# Revell 1:25 68 Charger R/T - F8 Ice Charger Build



## Tickets79 (Feb 22, 2020)

Hi first time on here. I used to made model cars in the past so I've come back to it. I'm currently attempting to build the Ice Charger from Fate and the Furious and wanted help in regards to making the extended wheel arches. I've cut our the larger wheel arches and am planning to use 0.03mm styrene sheet for the base shape, and then to use millput to create the thickness and curves. Would this work ok or is there an easier way?


----------



## 69ch (May 30, 2015)

I dont have answers although applaud the effort and look forward to seeing the progress. 

Meanwhile, another Ice Charger fan here! 










Eric


----------



## Tickets79 (Feb 22, 2020)

Nice how long did it take?


----------



## aussiemuscle308 (Dec 2, 2014)

Tickets79 said:


> am planning to use 0.03mm styrene sheet for the base shape, and then to use millput to create the thickness and curves. Would this work ok or is there an easier way?


That is probably how i would do it. i can't think of an easier way


----------



## Tickets79 (Feb 22, 2020)

Well it took me a while but I found the closest style of wheel needed for the build. And at a bargain also!!! Deep set rims close to the style of the original.
Resin has been placed for the wheel arches so just waiting for that to dry and I can crack on shaping and sanding.
Also attempting to make my own sport seats. Will need to work on this a bit to try and get it as close to the Sparco seats as possible.


----------



## Tickets79 (Feb 22, 2020)

That's it for the weekend. Next step to start in the interior and roll cage. Does anyone have any tips on how to work out the roll cage angles? So nothing touches the car body.


----------



## Milton Fox Racing (May 27, 2014)

Just like in a 1:1 careful measurements. The advantage you will have is the ability to dry fit the body, passenger section, window and the roll bar pieces together to do the final assembly. My tips would differ depending on the material you are going to use for the roll bar pieces. Solder wire would be my preference to work with though. ?


----------



## Tickets79 (Feb 22, 2020)

Milton Fox Racing said:


> Just like in a 1:1 careful measurements. The advantage you will have is the ability to dry fit the body, passenger section, window and the roll bar pieces together to do the final assembly. My tips would differ depending on the material you are going to use for the roll bar pieces. Solder wire would be my preference to work with though. ?


Solder wire sounds like a good idea. Didn't think of using that.


----------



## Milton Fox Racing (May 27, 2014)

If you go with solder you can also make brass tube fittings to fit the pieces together and as mounting points. That will make it a little less fragile. Wire insulation will also work as fittings but is a bit wobbly still.

(Are you also thinking of insulated single strand wire now instead of solder?)

I also have used Elmers glue before. And now Loc Tites indoor adhesive, to hold the pieces together for test fits both with and without the fittings.
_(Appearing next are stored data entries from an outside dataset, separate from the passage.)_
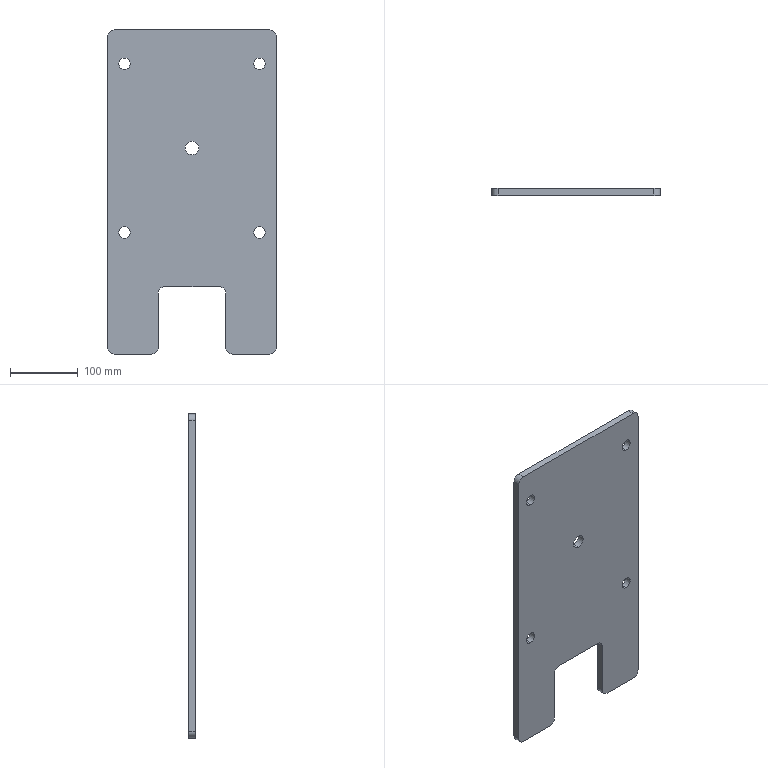Component | SolidWorks | Short-1_Finishing-1 | 1 solid | 28 faces | box 250 x 10 x 480 mm | volume 1086921 mm3 | cylinder 18 | plane 10 | commonest cylinder face diameters 20 x10 17 x8 | material Plain Carbon Steel
STEP:
#1=CARTESIAN_POINT('',(-127.449,-24.751,197.676));
#2=VERTEX_POINT('',#1);
#3=CARTESIAN_POINT('',(-127.449,-24.751,196.889));
#4=VERTEX_POINT('',#3);
#5=CARTESIAN_POINT('',(-127.449,-24.751,197.282));
#6=DIRECTION('',(0.,1.,-0.));
#7=DIRECTION('',(0.,0.,-1.));
#8=AXIS2_PLACEMENT_3D('',#5,#6,#7);
#9=CIRCLE('',#8,0.3937);
#10=EDGE_CURVE('',#2,#4,#9,.T.);
#11=ORIENTED_EDGE('',*,*,#10,.F.);
#12=CARTESIAN_POINT('',(-127.449,-24.357,197.676));
#13=VERTEX_POINT('',#12);
#14=CARTESIAN_POINT('',(-127.449,-24.751,197.676));
#15=DIRECTION('',(0.,1.,-0.));
#16=VECTOR('',#15,39.37);
#17=LINE('',#14,#16);
#18=EDGE_CURVE('',#2,#13,#17,.T.);
#19=ORIENTED_EDGE('',*,*,#18,.T.);
#20=CARTESIAN_POINT('',(-127.449,-24.357,196.889));
#21=VERTEX_POINT('',#20);
#22=CARTESIAN_POINT('',(-127.449,-24.357,197.282));
#23=DIRECTION('',(0.,1.,-0.));
#24=DIRECTION('',(0.,0.,-1.));
#25=AXIS2_PLACEMENT_3D('',#22,#23,#24);
#26=CIRCLE('',#25,0.3937);
#27=EDGE_CURVE('',#13,#21,#26,.T.);
#28=ORIENTED_EDGE('',*,*,#27,.T.);
#29=CARTESIAN_POINT('',(-127.449,-24.751,196.889));
#30=DIRECTION('',(0.,1.,-0.));
#31=VECTOR('',#30,39.37);
#32=LINE('',#29,#31);
#33=EDGE_CURVE('',#4,#21,#32,.T.);
#34=ORIENTED_EDGE('',*,*,#33,.F.);
#35=EDGE_LOOP('',(#11,#19,#28,#34));
#36=FACE_OUTER_BOUND('',#35,.T.);
#37=CARTESIAN_POINT('',(-127.449,-24.751,197.282));
#38=DIRECTION('',(0.,1.,-0.));
#39=DIRECTION('',(0.,0.,-1.));
#40=AXIS2_PLACEMENT_3D('',#37,#38,#39);
#41=CYLINDRICAL_SURFACE('',#40,0.3937);
#42=ADVANCED_FACE('',(#36),#41,.F.);
#43=CARTESIAN_POINT('',(-123.512,-24.751,202.538));
#44=VERTEX_POINT('',#43);
#45=CARTESIAN_POINT('',(-123.512,-24.751,201.869));
#46=VERTEX_POINT('',#45);
#47=CARTESIAN_POINT('',(-123.512,-24.751,202.204));
#48=DIRECTION('',(0.,1.,-0.));
#49=DIRECTION('',(0.,0.,1.));
#50=AXIS2_PLACEMENT_3D('',#47,#48,#49);
#51=CIRCLE('',#50,0.3346);
#52=EDGE_CURVE('',#44,#46,#51,.T.);
#53=ORIENTED_EDGE('',*,*,#52,.F.);
#54=CARTESIAN_POINT('',(-123.512,-24.357,202.538));
#55=VERTEX_POINT('',#54);
#56=CARTESIAN_POINT('',(-123.512,-24.751,202.538));
#57=DIRECTION('',(0.,1.,-0.));
#58=VECTOR('',#57,39.37);
#59=LINE('',#56,#58);
#60=EDGE_CURVE('',#44,#55,#59,.T.);
#61=ORIENTED_EDGE('',*,*,#60,.T.);
#62=CARTESIAN_POINT('',(-123.512,-24.357,201.869));
#63=VERTEX_POINT('',#62);
#64=CARTESIAN_POINT('',(-123.512,-24.357,202.204));
#65=DIRECTION('',(0.,1.,-0.));
#66=DIRECTION('',(0.,0.,1.));
#67=AXIS2_PLACEMENT_3D('',#64,#65,#66);
#68=CIRCLE('',#67,0.3346);
#69=EDGE_CURVE('',#55,#63,#68,.T.);
#70=ORIENTED_EDGE('',*,*,#69,.T.);
#71=CARTESIAN_POINT('',(-123.512,-24.751,201.869));
#72=DIRECTION('',(0.,1.,-0.));
#73=VECTOR('',#72,39.37);
#74=LINE('',#71,#73);
#75=EDGE_CURVE('',#46,#63,#74,.T.);
#76=ORIENTED_EDGE('',*,*,#75,.F.);
#77=EDGE_LOOP('',(#53,#61,#70,#76));
#78=FACE_OUTER_BOUND('',#77,.T.);
#79=CARTESIAN_POINT('',(-123.512,-24.751,202.204));
#80=DIRECTION('',(0.,1.,-0.));
#81=DIRECTION('',(0.,0.,-1.));
#82=AXIS2_PLACEMENT_3D('',#79,#80,#81);
#83=CYLINDRICAL_SURFACE('',#82,0.3346);
#84=ADVANCED_FACE('',(#78),#83,.F.);
#85=CARTESIAN_POINT('',(-123.512,-24.751,192.696));
#86=VERTEX_POINT('',#85);
#87=CARTESIAN_POINT('',(-123.512,-24.751,192.027));
#88=VERTEX_POINT('',#87);
#89=CARTESIAN_POINT('',(-123.512,-24.751,192.361));
#90=DIRECTION('',(0.,1.,-0.));
#91=DIRECTION('',(0.,0.,1.));
#92=AXIS2_PLACEMENT_3D('',#89,#90,#91);
#93=CIRCLE('',#92,0.3346);
#94=EDGE_CURVE('',#86,#88,#93,.T.);
#95=ORIENTED_EDGE('',*,*,#94,.F.);
#96=CARTESIAN_POINT('',(-123.512,-24.357,192.696));
#97=VERTEX_POINT('',#96);
#98=CARTESIAN_POINT('',(-123.512,-24.751,192.696));
#99=DIRECTION('',(0.,1.,-0.));
#100=VECTOR('',#99,39.37);
#101=LINE('',#98,#100);
#102=EDGE_CURVE('',#86,#97,#101,.T.);
#103=ORIENTED_EDGE('',*,*,#102,.T.);
#104=CARTESIAN_POINT('',(-123.512,-24.357,192.027));
#105=VERTEX_POINT('',#104);
#106=CARTESIAN_POINT('',(-123.512,-24.357,192.361));
#107=DIRECTION('',(0.,1.,-0.));
#108=DIRECTION('',(0.,0.,1.));
#109=AXIS2_PLACEMENT_3D('',#106,#107,#108);
#110=CIRCLE('',#109,0.3346);
#111=EDGE_CURVE('',#97,#105,#110,.T.);
#112=ORIENTED_EDGE('',*,*,#111,.T.);
#113=CARTESIAN_POINT('',(-123.512,-24.751,192.027));
#114=DIRECTION('',(0.,1.,-0.));
#115=VECTOR('',#114,39.37);
#116=LINE('',#113,#115);
#117=EDGE_CURVE('',#88,#105,#116,.T.);
#118=ORIENTED_EDGE('',*,*,#117,.F.);
#119=EDGE_LOOP('',(#95,#103,#112,#118));
#120=FACE_OUTER_BOUND('',#119,.T.);
#121=CARTESIAN_POINT('',(-123.512,-24.751,192.361));
#122=DIRECTION('',(0.,1.,-0.));
#123=DIRECTION('',(0.,0.,-1.));
#124=AXIS2_PLACEMENT_3D('',#121,#122,#123);
#125=CYLINDRICAL_SURFACE('',#124,0.3346);
#126=ADVANCED_FACE('',(#120),#125,.F.);
#127=CARTESIAN_POINT('',(-131.386,-24.751,192.696));
#128=VERTEX_POINT('',#127);
#129=CARTESIAN_POINT('',(-131.386,-24.751,192.027));
#130=VERTEX_POINT('',#129);
#131=CARTESIAN_POINT('',(-131.386,-24.751,192.361));
#132=DIRECTION('',(0.,1.,-0.));
#133=DIRECTION('',(0.,0.,-1.));
#134=AXIS2_PLACEMENT_3D('',#131,#132,#133);
#135=CIRCLE('',#134,0.3346);
#136=EDGE_CURVE('',#128,#130,#135,.T.);
#137=ORIENTED_EDGE('',*,*,#136,.F.);
#138=CARTESIAN_POINT('',(-131.386,-24.357,192.696));
#139=VERTEX_POINT('',#138);
#140=CARTESIAN_POINT('',(-131.386,-24.751,192.696));
#141=DIRECTION('',(0.,1.,-0.));
#142=VECTOR('',#141,39.37);
#143=LINE('',#140,#142);
#144=EDGE_CURVE('',#128,#139,#143,.T.);
#145=ORIENTED_EDGE('',*,*,#144,.T.);
#146=CARTESIAN_POINT('',(-131.386,-24.357,192.027));
#147=VERTEX_POINT('',#146);
#148=CARTESIAN_POINT('',(-131.386,-24.357,192.361));
#149=DIRECTION('',(0.,1.,-0.));
#150=DIRECTION('',(0.,0.,-1.));
#151=AXIS2_PLACEMENT_3D('',#148,#149,#150);
#152=CIRCLE('',#151,0.3346);
#153=EDGE_CURVE('',#139,#147,#152,.T.);
#154=ORIENTED_EDGE('',*,*,#153,.T.);
#155=CARTESIAN_POINT('',(-131.386,-24.751,192.027));
#156=DIRECTION('',(0.,1.,-0.));
#157=VECTOR('',#156,39.37);
#158=LINE('',#155,#157);
#159=EDGE_CURVE('',#130,#147,#158,.T.);
#160=ORIENTED_EDGE('',*,*,#159,.F.);
#161=EDGE_LOOP('',(#137,#145,#154,#160));
#162=FACE_OUTER_BOUND('',#161,.T.);
#163=CARTESIAN_POINT('',(-131.386,-24.751,192.361));
#164=DIRECTION('',(0.,1.,-0.));
#165=DIRECTION('',(0.,0.,-1.));
#166=AXIS2_PLACEMENT_3D('',#163,#164,#165);
#167=CYLINDRICAL_SURFACE('',#166,0.3346);
#168=ADVANCED_FACE('',(#162),#167,.F.);
#169=CARTESIAN_POINT('',(-131.386,-24.751,202.538));
#170=VERTEX_POINT('',#169);
#171=CARTESIAN_POINT('',(-131.386,-24.751,201.869));
#172=VERTEX_POINT('',#171);
#173=CARTESIAN_POINT('',(-131.386,-24.751,202.204));
#174=DIRECTION('',(0.,1.,-0.));
#175=DIRECTION('',(0.,0.,-1.));
#176=AXIS2_PLACEMENT_3D('',#173,#174,#175);
#177=CIRCLE('',#176,0.3346);
#178=EDGE_CURVE('',#170,#172,#177,.T.);
#179=ORIENTED_EDGE('',*,*,#178,.F.);
#180=CARTESIAN_POINT('',(-131.386,-24.357,202.538));
#181=VERTEX_POINT('',#180);
#182=CARTESIAN_POINT('',(-131.386,-24.751,202.538));
#183=DIRECTION('',(0.,1.,-0.));
#184=VECTOR('',#183,39.37);
#185=LINE('',#182,#184);
#186=EDGE_CURVE('',#170,#181,#185,.T.);
#187=ORIENTED_EDGE('',*,*,#186,.T.);
#188=CARTESIAN_POINT('',(-131.386,-24.357,201.869));
#189=VERTEX_POINT('',#188);
#190=CARTESIAN_POINT('',(-131.386,-24.357,202.204));
#191=DIRECTION('',(0.,1.,-0.));
#192=DIRECTION('',(0.,0.,-1.));
#193=AXIS2_PLACEMENT_3D('',#190,#191,#192);
#194=CIRCLE('',#193,0.3346);
#195=EDGE_CURVE('',#181,#189,#194,.T.);
#196=ORIENTED_EDGE('',*,*,#195,.T.);
#197=CARTESIAN_POINT('',(-131.386,-24.751,201.869));
#198=DIRECTION('',(0.,1.,-0.));
#199=VECTOR('',#198,39.37);
#200=LINE('',#197,#199);
#201=EDGE_CURVE('',#172,#189,#200,.T.);
#202=ORIENTED_EDGE('',*,*,#201,.F.);
#203=EDGE_LOOP('',(#179,#187,#196,#202));
#204=FACE_OUTER_BOUND('',#203,.T.);
#205=CARTESIAN_POINT('',(-131.386,-24.751,202.204));
#206=DIRECTION('',(0.,1.,-0.));
#207=DIRECTION('',(0.,0.,-1.));
#208=AXIS2_PLACEMENT_3D('',#205,#206,#207);
#209=CYLINDRICAL_SURFACE('',#208,0.3346);
#210=ADVANCED_FACE('',(#204),#209,.F.);
#211=CARTESIAN_POINT('',(-125.48,-24.357,188.818));
#212=VERTEX_POINT('',#211);
#213=CARTESIAN_POINT('',(-125.874,-24.357,189.212));
#214=VERTEX_POINT('',#213);
#215=CARTESIAN_POINT('',(-125.874,-24.357,188.818));
#216=DIRECTION('',(-0.,-1.,0.));
#217=DIRECTION('',(0.,0.,-1.));
#218=AXIS2_PLACEMENT_3D('',#215,#216,#217);
#219=CIRCLE('',#218,0.3937);
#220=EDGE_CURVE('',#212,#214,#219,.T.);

Sometimes you can leave that in place if it is not to visible.


----------



## Tickets79 (Feb 22, 2020)

I'm still unsure with the visibility side. I'm torn between a do and don't remove the doors. It does look cool but there's the worry of miss cutting and planning out the hinges and adding internal panels to hide everything. Wire insulation sounds good also and I was at first thinking of using soft garden wire also. It can be easily bent into shape and also has that same effect as insulation does. I think it all boils down to the joins but it's also making it look like the joints were almost welded together. Maybe Millput will take care of this once the pieces are glued together.
What would your recommendation be to someone who's never attempted this before?


----------



## Milton Fox Racing (May 27, 2014)

I would first build one (or several) with no intention to fit inside this model. That way you can experiment on the appearance and technique you want to use. And maybe test out different materials and which is easier to work with for you. Once you get those techniques and materials down you can better shape one to fit the driver seat area for this one. You will also probably be able to modify the test one (or one of them) to fit this model and others later on.


----------



## Tickets79 (Feb 22, 2020)

Latest update. Been working on the cockpit metalwork, console and boxed area for the Fuelsafe tank and exhaust.
Hard working from photos taken from online but the next step will be to layer cutout sections to make parts look more like it's shaped metal panel sheets, and then fill and sand any sharp edges.
It took me a while to go through YouTube videos and pausing/screenshot to get as much information as possible. Fingers crossed it all works out.


----------